I know they will be far more familiar with Yank stuff, but not sure if they'd balk at the thought of rebuilding a German autobox.

Reckon you'd probably only really need 3rd gear on a 3spd auto in most muscle cars, top speed only maybe 110mph in 3rd due to gearing even then. I used to love the Hill St Blues opening scene with a line of police cars all burning rubber out of the station, smoking tyres in every gear. My mate used to reckon he had the fastest car in town until I took him out in my Cosworth years ago... but he told me about the time he tried to race a TransAm from the lights...#

I've converted plenty 500ci engines, plenty torque in them!

Simon

Hate to say it but there might be more info on an American website.. In the UK autoboxes are considered a black art but in the US many home mechanics will have a crack at rebuilding them, probably because the info on autoboxes is much more readily available, there are chain stores of autobox rebuilding firms etc... just pop into a shop any buy a rebuild kit for a gearbox. I've delved into building them myself but it's a lot of faff and there are very specific tolerances.

Simon

With the injectors you've got I'd expect optimal pressure to be between 1 bar and 1.1 bar, but the installer probably left pressure set at the Bigas standard of 1.2 bar.

3mm Nozzles will flow 1.44x as much gas as 2.5 nozzles, since even V30 injectors will be working within spec at 4.5ms I would set pressure at 1..6 bar and adjust from there if necessary... but 1.6bar will work and the Bigas twin reducer will go to above that pressure.

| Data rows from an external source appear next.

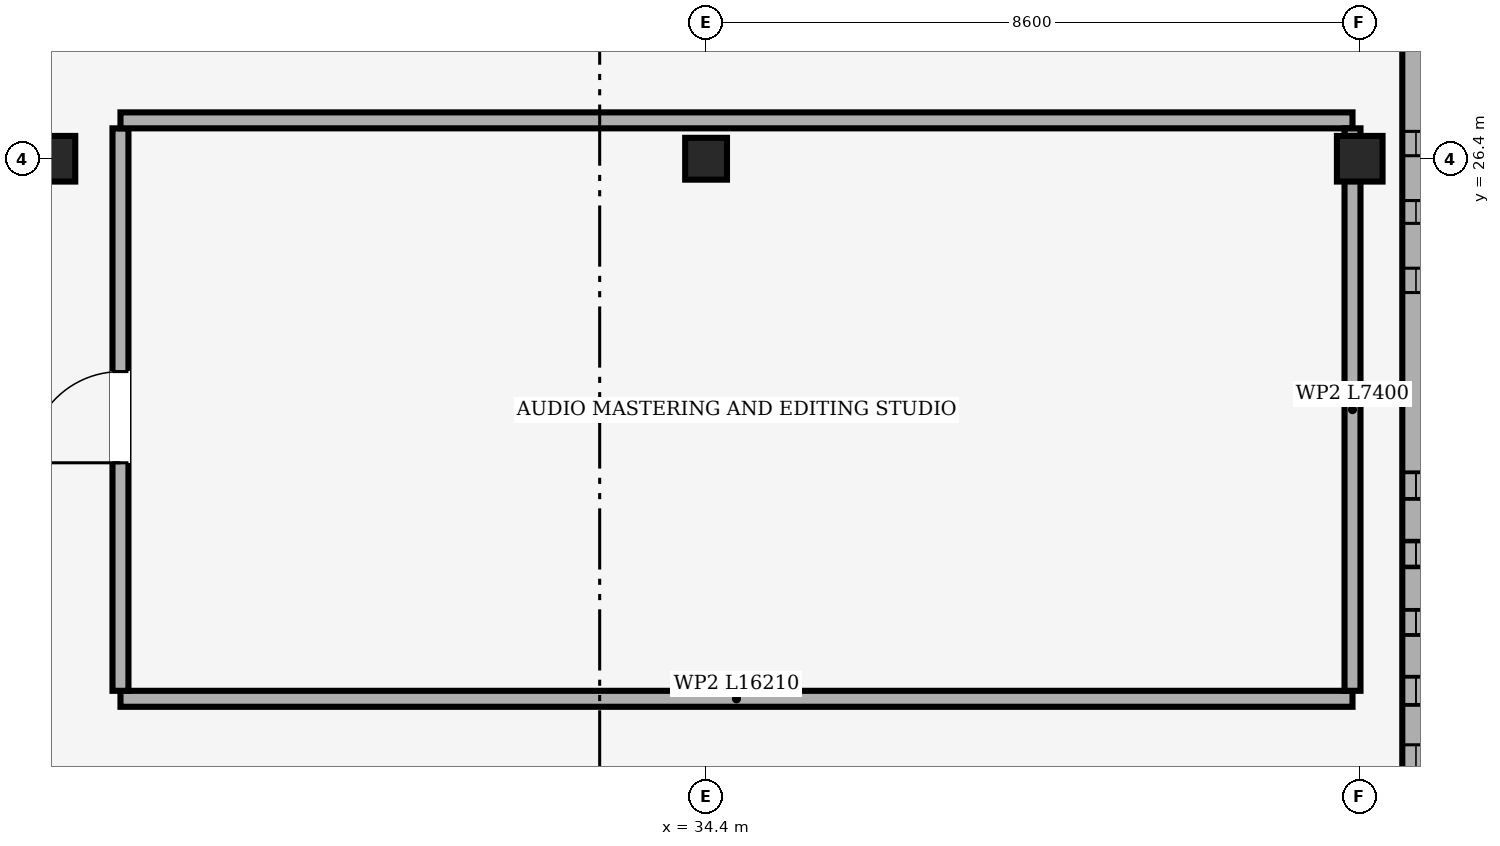
"""IFC4 building model, lengths in metres.
Left out: names, types, materials, properties, quantities, classifications, styles, units other than length and angle.
Written with IfcOpenShell. Run it as: python <this file> out.ifc"""

import sys

from ifc_helpers import new_model, si_unit, direction, frame, frame_2d, origin, origin_2d, place, context, subcontext, project, spatial, rectangle, extrude, element, fill, save


model = new_model("IFC4")
c1 = context("Model", 3, precision=1e-05, world=origin(), true_north=direction((0.0, 1.0)))
c2 = subcontext(c1, "Body", "Model", "MODEL_VIEW")
j1 = project(units=[si_unit("LENGTHUNIT", "METRE"), si_unit("PLANEANGLEUNIT", "RADIAN")], contexts=[c1])
p1 = place(None, origin())
s1 = spatial("IfcSite", under=j1, at=p1, CompositionType="ELEMENT")
p2 = place(p1, origin())
s2 = spatial("IfcBuilding", under=s1, at=p2, CompositionType="ELEMENT")
p3 = place(p2, frame((0.0, 0.0, 22.35)))
s3 = spatial("IfcBuildingStorey", under=s2, at=p3, CompositionType="ELEMENT", Elevation=22.35)
p4 = place(p3, frame((25.8, 26.4, 0.0), z_axis=(0.0, 0.0, 1.0), x_axis=(1.0, 0.0, 0.0)))
e1 = element("IfcColumn", 1, at=p4, inside=s3, PredefinedType="COLUMN", context=c2, shape_type="SweptSolid", body=[
    extrude(rectangle(XDim=0.6, YDim=0.6, at=origin_2d()), origin(), (0.0, 0.0, 1.0), 2.91),
])
p5 = place(p3, frame((34.4, 26.4, 0.0), z_axis=(0.0, 0.0, 1.0), x_axis=(1.0, 0.0, 0.0)))
e2 = element("IfcColumn", 2, at=p5, inside=s3, PredefinedType="COLUMN", context=c2, shape_type="SweptSolid", body=[
    extrude(rectangle(XDim=0.55, YDim=0.55, at=origin_2d()), origin(), (0.0, 0.0, 1.0), 2.91),
])
p6 = place(p3, frame((43.0, 26.4, 0.0), z_axis=(0.0, 0.0, 1.0), x_axis=(1.0, 0.0, 0.0)))
e3 = element("IfcColumn", 3, at=p6, inside=s3, PredefinedType="COLUMN", context=c2, shape_type="SweptSolid", body=[
    extrude(rectangle(XDim=0.6, YDim=0.6, at=origin_2d()), origin(), (0.0, 0.0, 1.0), 2.91),
])
p7 = place(p3, frame((43.74, 35.94, 0.0), z_axis=(0.0, 0.0, 1.0), x_axis=(0.0, -1.0, 0.0)))
e4 = element("IfcWall", 4, at=p7, inside=s3, PredefinedType="SOLIDWALL", context=c2, shape_type="SweptSolid", body=[
    extrude(rectangle(XDim=36.68, YDim=0.36, at=frame_2d((18.34, 0.0))), origin(), (0.0, 0.0, 1.0), 2.91),
])
p8 = place(p7, frame((9.18, 0.0, 0.36)))
e5 = element("IfcOpeningElement", 5, at=p8, cuts=e4, PredefinedType="OPENING", context=c2, shape_type="SweptSolid", body=[
    extrude(rectangle(XDim=0.32, YDim=0.32, at=frame_2d((0.16, 0.16))), frame((0.0, 0.18, 0.0), z_axis=(0.0, -1.0, 0.0), x_axis=(1.0, 0.0, 0.0)), (0.0, 0.0, 1.0), 0.36),
])
p9 = place(p7, frame((10.09, 0.0, 1.26)))
e6 = element("IfcOpeningElement", 6, at=p9, cuts=e4, PredefinedType="OPENING", context=c2, shape_type="SweptSolid", body=[
    extrude(rectangle(XDim=0.3, YDim=0.3, at=frame_2d((0.15, 0.15))), frame((0.0, 0.18, 0.0), z_axis=(0.0, -1.0, 0.0), x_axis=(1.0, 0.0, 0.0)), (0.0, 0.0, 1.0), 0.36),
])
p10 = place(p7, frame((10.98, 0.0, 1.26)))
e7 = element("IfcOpeningElement", 7, at=p10, cuts=e4, PredefinedType="OPENING", context=c2, shape_type="SweptSolid", body=[
    extrude(rectangle(XDim=0.32, YDim=0.32, at=frame_2d((0.16, 0.16))), frame((0.0, 0.18, 0.0), z_axis=(0.0, -1.0, 0.0), x_axis=(1.0, 0.0, 0.0)), (0.0, 0.0, 1.0), 0.36),
])
p11 = place(p7, frame((13.66, 0.0, 0.36)))
e8 = element("IfcOpeningElement", 8, at=p11, cuts=e4, PredefinedType="OPENING", context=c2, shape_type="SweptSolid", body=[
    extrude(rectangle(XDim=0.36, YDim=0.36, at=frame_2d((0.18, 0.18))), frame((0.0, 0.18, 0.0), z_axis=(0.0, -1.0, 0.0), x_axis=(1.0, 0.0, 0.0)), (0.0, 0.0, 1.0), 0.36),
])
p12 = place(p7, frame((13.67, 0.0, 1.26)))
e9 = element("IfcOpeningElement", 9, at=p12, cuts=e4, PredefinedType="OPENING", context=c2, shape_type="SweptSolid", body=[
    extrude(rectangle(XDim=0.34, YDim=0.34, at=frame_2d((0.17, 0.17))), frame((0.0, 0.18, 0.0), z_axis=(0.0, -1.0, 0.0), x_axis=(1.0, 0.0, 0.0)), (0.0, 0.0, 1.0), 0.36),
])
p13 = place(p7, frame((14.56, 0.0, 0.36)))
e10 = element("IfcOpeningElement", 10, at=p13, cuts=e4, PredefinedType="OPENING", context=c2, shape_type="SweptSolid", body=[
    extrude(rectangle(XDim=0.36, YDim=0.36, at=frame_2d((0.18, 0.18))), frame((0.0, 0.18, 0.0), z_axis=(0.0, -1.0, 0.0), x_axis=(1.0, 0.0, 0.0)), (0.0, 0.0, 1.0), 0.36),
])
p14 = place(p7, frame((14.58, 0.0, 2.16)))
e11 = element("IfcOpeningElement", 11, at=p14, cuts=e4, PredefinedType="OPENING", context=c2, shape_type="SweptSolid", body=[
    extrude(rectangle(XDim=0.32, YDim=0.32, at=frame_2d((0.16, 0.16))), frame((0.0, 0.18, 0.0), z_axis=(0.0, -1.0, 0.0), x_axis=(1.0, 0.0, 0.0)), (0.0, 0.0, 1.0), 0.36),
])
p15 = place(p7, frame((15.47, 0.0, 1.26)))
e12 = element("IfcOpeningElement", 12, at=p15, cuts=e4, PredefinedType="OPENING", context=c2, shape_type="SweptSolid", body=[
    extrude(rectangle(XDim=0.34, YDim=0.34, at=frame_2d((0.17, 0.17))), frame((0.0, 0.18, 0.0), z_axis=(0.0, -1.0, 0.0), x_axis=(1.0, 0.0, 0.0)), (0.0, 0.0, 1.0), 0.36),
])
p16 = place(p7, frame((15.48, 0.0, 2.16)))
e13 = element("IfcOpeningElement", 13, at=p16, cuts=e4, PredefinedType="OPENING", context=c2, shape_type="SweptSolid", body=[
    extrude(rectangle(XDim=0.32, YDim=0.32, at=frame_2d((0.16, 0.16))), frame((0.0, 0.18, 0.0), z_axis=(0.0, -1.0, 0.0), x_axis=(1.0, 0.0, 0.0)), (0.0, 0.0, 1.0), 0.36),
])
p17 = place(p7, frame((16.35, 0.0, 0.36)))
e14 = element("IfcOpeningElement", 14, at=p17, cuts=e4, PredefinedType="OPENING", context=c2, shape_type="SweptSolid", body=[
    extrude(rectangle(XDim=0.38, YDim=0.38, at=frame_2d((0.19, 0.19))), frame((0.0, 0.18, 0.0), z_axis=(0.0, -1.0, 0.0), x_axis=(1.0, 0.0, 0.0)), (0.0, 0.0, 1.0), 0.36),
])
p18 = place(p7, frame((16.36, 0.0, 1.26)))
e15 = element("IfcOpeningElement", 15, at=p18, cuts=e4, PredefinedType="OPENING", context=c2, shape_type="SweptSolid", body=[
    extrude(rectangle(XDim=0.36, YDim=0.36, at=frame_2d((0.18, 0.18))), frame((0.0, 0.18, 0.0), z_axis=(0.0, -1.0, 0.0), x_axis=(1.0, 0.0, 0.0)), (0.0, 0.0, 1.0), 0.36),
])
p19 = place(p7, frame((17.25, 0.0, 0.36)))
e16 = element("IfcOpeningElement", 16, at=p19, cuts=e4, PredefinedType="OPENING", context=c2, shape_type="SweptSolid", body=[
    extrude(rectangle(XDim=0.38, YDim=0.38, at=frame_2d((0.19, 0.19))), frame((0.0, 0.18, 0.0), z_axis=(0.0, -1.0, 0.0), x_axis=(1.0, 0.0, 0.0)), (0.0, 0.0, 1.0), 0.36),
])
p20 = place(p7, frame((18.16, 0.0, 1.26)))
e17 = element("IfcOpeningElement", 17, at=p20, cuts=e4, PredefinedType="OPENING", context=c2, shape_type="SweptSolid", body=[
    extrude(rectangle(XDim=0.36, YDim=0.36, at=frame_2d((0.18, 0.18))), frame((0.0, 0.18, 0.0), z_axis=(0.0, -1.0, 0.0), x_axis=(1.0, 0.0, 0.0)), (0.0, 0.0, 1.0), 0.36),
])
p21 = place(p7, frame((18.18, 0.0, 2.16)))
e18 = element("IfcOpeningElement", 18, at=p21, cuts=e4, PredefinedType="OPENING", context=c2, shape_type="SweptSolid", body=[
    extrude(rectangle(XDim=0.32, YDim=0.32, at=frame_2d((0.16, 0.16))), frame((0.0, 0.18, 0.0), z_axis=(0.0, -1.0, 0.0), x_axis=(1.0, 0.0, 0.0)), (0.0, 0.0, 1.0), 0.36),
])
p22 = place(p7, frame((19.05, 0.0, 0.36)))
e19 = element("IfcOpeningElement", 19, at=p22, cuts=e4, PredefinedType="OPENING", context=c2, shape_type="SweptSolid", body=[
    extrude(rectangle(XDim=0.38, YDim=0.38, at=frame_2d((0.19, 0.19))), frame((0.0, 0.18, 0.0), z_axis=(0.0, -1.0, 0.0), x_axis=(1.0, 0.0, 0.0)), (0.0, 0.0, 1.0), 0.36),
])
p23 = place(p7, frame((19.06, 0.0, 1.26)))
e20 = element("IfcOpeningElement", 20, at=p23, cuts=e4, PredefinedType="OPENING", context=c2, shape_type="SweptSolid", body=[
    extrude(rectangle(XDim=0.36, YDim=0.36, at=frame_2d((0.18, 0.18))), frame((0.0, 0.18, 0.0), z_axis=(0.0, -1.0, 0.0), x_axis=(1.0, 0.0, 0.0)), (0.0, 0.0, 1.0), 0.36),
])
p24 = place(p7, frame((19.95, 0.0, 0.36)))
e21 = element("IfcOpeningElement", 21, at=p24, cuts=e4, PredefinedType="OPENING", context=c2, shape_type="SweptSolid", body=[
    extrude(rectangle(XDim=0.38, YDim=0.38, at=frame_2d((0.19, 0.19))), frame((0.0, 0.18, 0.0), z_axis=(0.0, -1.0, 0.0), x_axis=(1.0, 0.0, 0.0)), (0.0, 0.0, 1.0), 0.36),
])
p25 = place(p7, frame((20.87, 0.0, 1.26)))
e22 = element("IfcOpeningElement", 22, at=p25, cuts=e4, PredefinedType="OPENING", context=c2, shape_type="SweptSolid", body=[
    extrude(rectangle(XDim=0.34, YDim=0.34, at=frame_2d((0.17, 0.17))), frame((0.0, 0.18, 0.0), z_axis=(0.0, -1.0, 0.0), x_axis=(1.0, 0.0, 0.0)), (0.0, 0.0, 1.0), 0.36),
])
p26 = place(p7, frame((21.76, 0.0, 0.36)))
e23 = element("IfcOpeningElement", 23, at=p26, cuts=e4, PredefinedType="OPENING", context=c2, shape_type="SweptSolid", body=[
    extrude(rectangle(XDim=0.36, YDim=0.36, at=frame_2d((0.18, 0.18))), frame((0.0, 0.18, 0.0), z_axis=(0.0, -1.0, 0.0), x_axis=(1.0, 0.0, 0.0)), (0.0, 0.0, 1.0), 0.36),
])
p27 = place(p7, frame((21.77, 0.0, 1.26)))
e24 = element("IfcOpeningElement", 24, at=p27, cuts=e4, PredefinedType="OPENING", context=c2, shape_type="SweptSolid", body=[
    extrude(rectangle(XDim=0.34, YDim=0.34, at=frame_2d((0.17, 0.17))), frame((0.0, 0.18, 0.0), z_axis=(0.0, -1.0, 0.0), x_axis=(1.0, 0.0, 0.0)), (0.0, 0.0, 1.0), 0.36),
])
p28 = place(p7, frame((22.66, 0.0, 0.36)))
e25 = element("IfcOpeningElement", 25, at=p28, cuts=e4, PredefinedType="OPENING", context=c2, shape_type="SweptSolid", body=[
    extrude(rectangle(XDim=0.36, YDim=0.36, at=frame_2d((0.18, 0.18))), frame((0.0, 0.18, 0.0), z_axis=(0.0, -1.0, 0.0), x_axis=(1.0, 0.0, 0.0)), (0.0, 0.0, 1.0), 0.36),
])
p29 = place(p7, frame((24.48, 0.0, 1.26)))
e26 = element("IfcOpeningElement", 26, at=p29, cuts=e4, PredefinedType="OPENING", context=c2, shape_type="SweptSolid", body=[
    extrude(rectangle(XDim=0.32, YDim=0.32, at=frame_2d((0.16, 0.16))), frame((0.0, 0.18, 0.0), z_axis=(0.0, -1.0, 0.0), x_axis=(1.0, 0.0, 0.0)), (0.0, 0.0, 1.0), 0.36),
])
p30 = place(p7, frame((25.39, 0.0, 2.16)))
e27 = element("IfcOpeningElement", 27, at=p30, cuts=e4, PredefinedType="OPENING", context=c2, shape_type="SweptSolid", body=[
    extrude(rectangle(XDim=0.3, YDim=0.3, at=frame_2d((0.15, 0.15))), frame((0.0, 0.18, 0.0), z_axis=(0.0, -1.0, 0.0), x_axis=(1.0, 0.0, 0.0)), (0.0, 0.0, 1.0), 0.36),
])
p31 = place(p7, frame((26.3, 0.0, 2.16)))
e28 = element("IfcOpeningElement", 28, at=p31, cuts=e4, PredefinedType="OPENING", context=c2, shape_type="SweptSolid", body=[
    extrude(rectangle(XDim=0.28, YDim=0.28, at=frame_2d((0.14, 0.14))), frame((0.0, 0.18, 0.0), z_axis=(0.0, -1.0, 0.0), x_axis=(1.0, 0.0, 0.0)), (0.0, 0.0, 1.0), 0.36),
])
p32 = place(p7, frame((27.18, 0.0, 0.36)))
e29 = element("IfcOpeningElement", 29, at=p32, cuts=e4, PredefinedType="OPENING", context=c2, shape_type="SweptSolid", body=[
    extrude(rectangle(XDim=0.32, YDim=0.32, at=frame_2d((0.16, 0.16))), frame((0.0, 0.18, 0.0), z_axis=(0.0, -1.0, 0.0), x_axis=(1.0, 0.0, 0.0)), (0.0, 0.0, 1.0), 0.36),
])
p33 = place(p7, frame((28.09, 0.0, 0.36)))
e30 = element("IfcOpeningElement", 30, at=p33, cuts=e4, PredefinedType="OPENING", context=c2, shape_type="SweptSolid", body=[
    extrude(rectangle(XDim=0.3, YDim=0.3, at=frame_2d((0.15, 0.15))), frame((0.0, 0.18, 0.0), z_axis=(0.0, -1.0, 0.0), x_axis=(1.0, 0.0, 0.0)), (0.0, 0.0, 1.0), 0.36),
])
p34 = place(p3, frame((42.905, 19.295, 0.0), z_axis=(0.0, 0.0, 1.0), x_axis=(-1.0, 0.0, 0.0)))
e31 = element("IfcWall", 31, at=p34, inside=s3, PredefinedType="PARTITIONING", context=c2, shape_type="SweptSolid", body=[
    extrude(rectangle(XDim=16.21, YDim=0.21, at=frame_2d((8.105, 0.0))), origin(), (0.0, 0.0, 1.0), 2.89),
])
p35 = place(p3, frame((26.695, 19.4, 0.0), z_axis=(0.0, 0.0, 1.0), x_axis=(0.0, 1.0, 0.0)))
e32 = element("IfcWall", 32, at=p35, inside=s3, PredefinedType="PARTITIONING", context=c2, shape_type="SweptSolid", body=[
    extrude(rectangle(XDim=7.4, YDim=0.21, at=frame_2d((3.7, 0.0))), origin(), (0.0, 0.0, 1.0), 2.89),
])
p36 = place(p35, frame((3.0, 0.0, 0.0)))
e33 = element("IfcOpeningElement", 33, at=p36, cuts=e32, PredefinedType="OPENING", context=c2, shape_type="SweptSolid", body=[
    extrude(rectangle(XDim=1.2, YDim=2.15, at=frame_2d((0.6, 1.075))), frame((0.0, 0.105, 0.0), z_axis=(0.0, -1.0, 0.0), x_axis=(1.0, 0.0, 0.0)), (0.0, 0.0, 1.0), 0.21),
])
p37 = place(p3, frame((26.695, 26.905, 0.0), z_axis=(0.0, 0.0, 1.0), x_axis=(1.0, 0.0, 0.0)))
e34 = element("IfcWall", 34, at=p37, inside=s3, PredefinedType="PARTITIONING", context=c2, shape_type="SweptSolid", body=[
    extrude(rectangle(XDim=16.21, YDim=0.21, at=frame_2d((8.105, 0.0))), origin(), (0.0, 0.0, 1.0), 2.89),
])
p38 = place(p3, frame((42.905, 26.8, 0.0), z_axis=(0.0, 0.0, 1.0), x_axis=(0.0, -1.0, 0.0)))
e35 = element("IfcWall", 35, at=p38, inside=s3, PredefinedType="PARTITIONING", context=c2, shape_type="SweptSolid", body=[
    extrude(rectangle(XDim=7.4, YDim=0.21, at=frame_2d((3.7, 0.0))), origin(), (0.0, 0.0, 1.0), 2.34),
])
p39 = place(p8, origin())
e36 = element("IfcWindow", 36, at=p39, inside=s3, PartitioningType="SINGLE_PANEL", PredefinedType="WINDOW", context=c2, shape_type="SweptSolid", body=[
    extrude(rectangle(XDim=0.32, YDim=0.32, at=frame_2d((0.16, 0.16))), frame((0.0, -0.07, 0.0), z_axis=(0.0, -1.0, 0.0), x_axis=(1.0, 0.0, 0.0)), (0.0, 0.0, 1.0), 0.06),
])
fill(e5, e36)
p40 = place(p9, origin())
e37 = element("IfcWindow", 37, at=p40, inside=s3, PartitioningType="SINGLE_PANEL", PredefinedType="WINDOW", context=c2, shape_type="SweptSolid", body=[
    extrude(rectangle(XDim=0.3, YDim=0.3, at=frame_2d((0.15, 0.15))), frame((0.0, -0.07, 0.0), z_axis=(0.0, -1.0, 0.0), x_axis=(1.0, 0.0, 0.0)), (0.0, 0.0, 1.0), 0.06),
])
fill(e6, e37)
p41 = place(p10, origin())
e38 = element("IfcWindow", 38, at=p41, inside=s3, PartitioningType="SINGLE_PANEL", PredefinedType="WINDOW", context=c2, shape_type="SweptSolid", body=[
    extrude(rectangle(XDim=0.32, YDim=0.32, at=frame_2d((0.16, 0.16))), frame((0.0, -0.07, 0.0), z_axis=(0.0, -1.0, 0.0), x_axis=(1.0, 0.0, 0.0)), (0.0, 0.0, 1.0), 0.06),
])
fill(e7, e38)
p42 = place(p11, origin())
e39 = element("IfcWindow", 39, at=p42, inside=s3, PartitioningType="SINGLE_PANEL", PredefinedType="WINDOW", context=c2, shape_type="SweptSolid", body=[
    extrude(rectangle(XDim=0.36, YDim=0.36, at=frame_2d((0.18, 0.18))), frame((0.0, -0.07, 0.0), z_axis=(0.0, -1.0, 0.0), x_axis=(1.0, 0.0, 0.0)), (0.0, 0.0, 1.0), 0.06),
])
fill(e8, e39)
p43 = place(p12, origin())
e40 = element("IfcWindow", 40, at=p43, inside=s3, PartitioningType="SINGLE_PANEL", PredefinedType="WINDOW", context=c2, shape_type="SweptSolid", body=[
    extrude(rectangle(XDim=0.34, YDim=0.34, at=frame_2d((0.17, 0.17))), frame((0.0, -0.07, 0.0), z_axis=(0.0, -1.0, 0.0), x_axis=(1.0, 0.0, 0.0)), (0.0, 0.0, 1.0), 0.06),
])
fill(e9, e40)
p44 = place(p13, origin())
e41 = element("IfcWindow", 41, at=p44, inside=s3, PartitioningType="SINGLE_PANEL", PredefinedType="WINDOW", context=c2, shape_type="SweptSolid", body=[
    extrude(rectangle(XDim=0.36, YDim=0.36, at=frame_2d((0.18, 0.18))), frame((0.0, -0.07, 0.0), z_axis=(0.0, -1.0, 0.0), x_axis=(1.0, 0.0, 0.0)), (0.0, 0.0, 1.0), 0.06),
])
fill(e10, e41)
p45 = place(p14, origin())
e42 = element("IfcWindow", 42, at=p45, inside=s3, PartitioningType="SINGLE_PANEL", PredefinedType="WINDOW", context=c2, shape_type="SweptSolid", body=[
    extrude(rectangle(XDim=0.32, YDim=0.32, at=frame_2d((0.16, 0.16))), frame((0.0, -0.07, 0.0), z_axis=(0.0, -1.0, 0.0), x_axis=(1.0, 0.0, 0.0)), (0.0, 0.0, 1.0), 0.06),
])
fill(e11, e42)
p46 = place(p15, origin())
e43 = element("IfcWindow", 43, at=p46, inside=s3, PartitioningType="SINGLE_PANEL", PredefinedType="WINDOW", context=c2, shape_type="SweptSolid", body=[
    extrude(rectangle(XDim=0.34, YDim=0.34, at=frame_2d((0.17, 0.17))), frame((0.0, -0.07, 0.0), z_axis=(0.0, -1.0, 0.0), x_axis=(1.0, 0.0, 0.0)), (0.0, 0.0, 1.0), 0.06),
])
fill(e12, e43)
p47 = place(p16, origin())
e44 = element("IfcWindow", 44, at=p47, inside=s3, PartitioningType="SINGLE_PANEL", PredefinedType="WINDOW", context=c2, shape_type="SweptSolid", body=[
    extrude(rectangle(XDim=0.32, YDim=0.32, at=frame_2d((0.16, 0.16))), frame((0.0, -0.07, 0.0), z_axis=(0.0, -1.0, 0.0), x_axis=(1.0, 0.0, 0.0)), (0.0, 0.0, 1.0), 0.06),
])
fill(e13, e44)
p48 = place(p17, origin())
e45 = element("IfcWindow", 45, at=p48, inside=s3, PartitioningType="SINGLE_PANEL", PredefinedType="WINDOW", context=c2, shape_type="SweptSolid", body=[
    extrude(rectangle(XDim=0.38, YDim=0.38, at=frame_2d((0.19, 0.19))), frame((0.0, -0.07, 0.0), z_axis=(0.0, -1.0, 0.0), x_axis=(1.0, 0.0, 0.0)), (0.0, 0.0, 1.0), 0.06),
])
fill(e14, e45)
p49 = place(p18, origin())
e46 = element("IfcWindow", 46, at=p49, inside=s3, PartitioningType="SINGLE_PANEL", PredefinedType="WINDOW", context=c2, shape_type="SweptSolid", body=[
    extrude(rectangle(XDim=0.36, YDim=0.36, at=frame_2d((0.18, 0.18))), frame((0.0, -0.07, 0.0), z_axis=(0.0, -1.0, 0.0), x_axis=(1.0, 0.0, 0.0)), (0.0, 0.0, 1.0), 0.06),
])
fill(e15, e46)
p50 = place(p19, origin())
e47 = element("IfcWindow", 47, at=p50, inside=s3, PartitioningType="SINGLE_PANEL", PredefinedType="WINDOW", context=c2, shape_type="SweptSolid", body=[
    extrude(rectangle(XDim=0.38, YDim=0.38, at=frame_2d((0.19, 0.19))), frame((0.0, -0.07, 0.0), z_axis=(0.0, -1.0, 0.0), x_axis=(1.0, 0.0, 0.0)), (0.0, 0.0, 1.0), 0.06),
])
fill(e16, e47)
p51 = place(p36, origin())
e48 = element("IfcDoor", 48, at=p51, inside=s3, OperationType="SINGLE_SWING_LEFT", PredefinedType="DOOR", context=c2, shape_type="SweptSolid", body=[
    extrude(rectangle(XDim=1.2, YDim=2.15, at=frame_2d((0.6, 1.075))), frame((0.0, 0.025, 0.0), z_axis=(0.0, -1.0, 0.0), x_axis=(1.0, 0.0, 0.0)), (0.0, 0.0, 1.0), 0.05),
])
fill(e33, e48)
save(model, sys.argv[1])

Calibration will need a tweak anyway following fitting different LPG injectors, especially of a different type with a smaller nozzle size. If you left the old LPG injectors in place and they were working OK, fuel trims while running on LPG wouldn't be effected by changing petrol injectors - though it is possible to cause problems if fuel trims are very different when running on LPG versus running on petrol. I've never tried to look up info on specs of P38 injectors versus K series injectors, they'd have to be a fair match for petrol trims to be anything like correct when running on petrol and tbh I think they won't be that far wrong.

Simon

Yes it will mean 3mm nozzles.

In which case you could still fit Valtek type 30 rails but would need to increase reducer pressure and do a full recalibration. There are two allen sockets, one on each side of the reducer, alternate adjusting them in turn while watching pressure readings in software because you want them both to be fairly equally matched. If pressure from the individual reducers isn't well matched what happens is one reducer does all the work until it can flow no more (when you put your foot down) and then actual pressure suddenly falls to the setting of the lower pressure reducer.

The V30s are still a decent bet for a cheap no hassle fix because they're available with outlets to suit 4mm pipe (Bigas has 4mm outlets) and have very similar open/close time characteristics to Bigas. If your Bigas injectors had 2.5 stamped on them you could probably have got away with doing a straight swap without even connecting a computer and it would run at least as well as with the old injectors. .

Not all types of Bigas injector are available anymore (I still have some working ones of each type but they're old), the V30s are a better match for your Bigas injectors than the newer type Bigas injectors. New type Bigas are £100+vat for 4, you need 8, V30s are £35 including VAT for 4 but you will need to add a combined inline temp sensor / pressure T (easily fitted into piping) which is about £10 and will need the interface to recalibrate.

Simon

Orangebean wrote:

Now this is where the current job has the potential to get silly. Idly sitting planning my day- the thought creeps in...
" Really should drop the sump to clean all the crap out. When the sump's off and heads off it would be really easy to pop the pistons out and re-ring them, and of course with conrods out a new set of big end shells would be great preventative maintenance. If I did big ends, may as well do mains".
I'm my own worst enemy sometimes!

Might as well take the block out at that stage too OB, re-hone the bores, gearbox rebuild etc.. lol

RutlandRover wrote:

I think other elements of the car need information/signals from the engine to keep working too - like the gearbox. If you remove the engine from the equation I think it gives you problems elsewhere.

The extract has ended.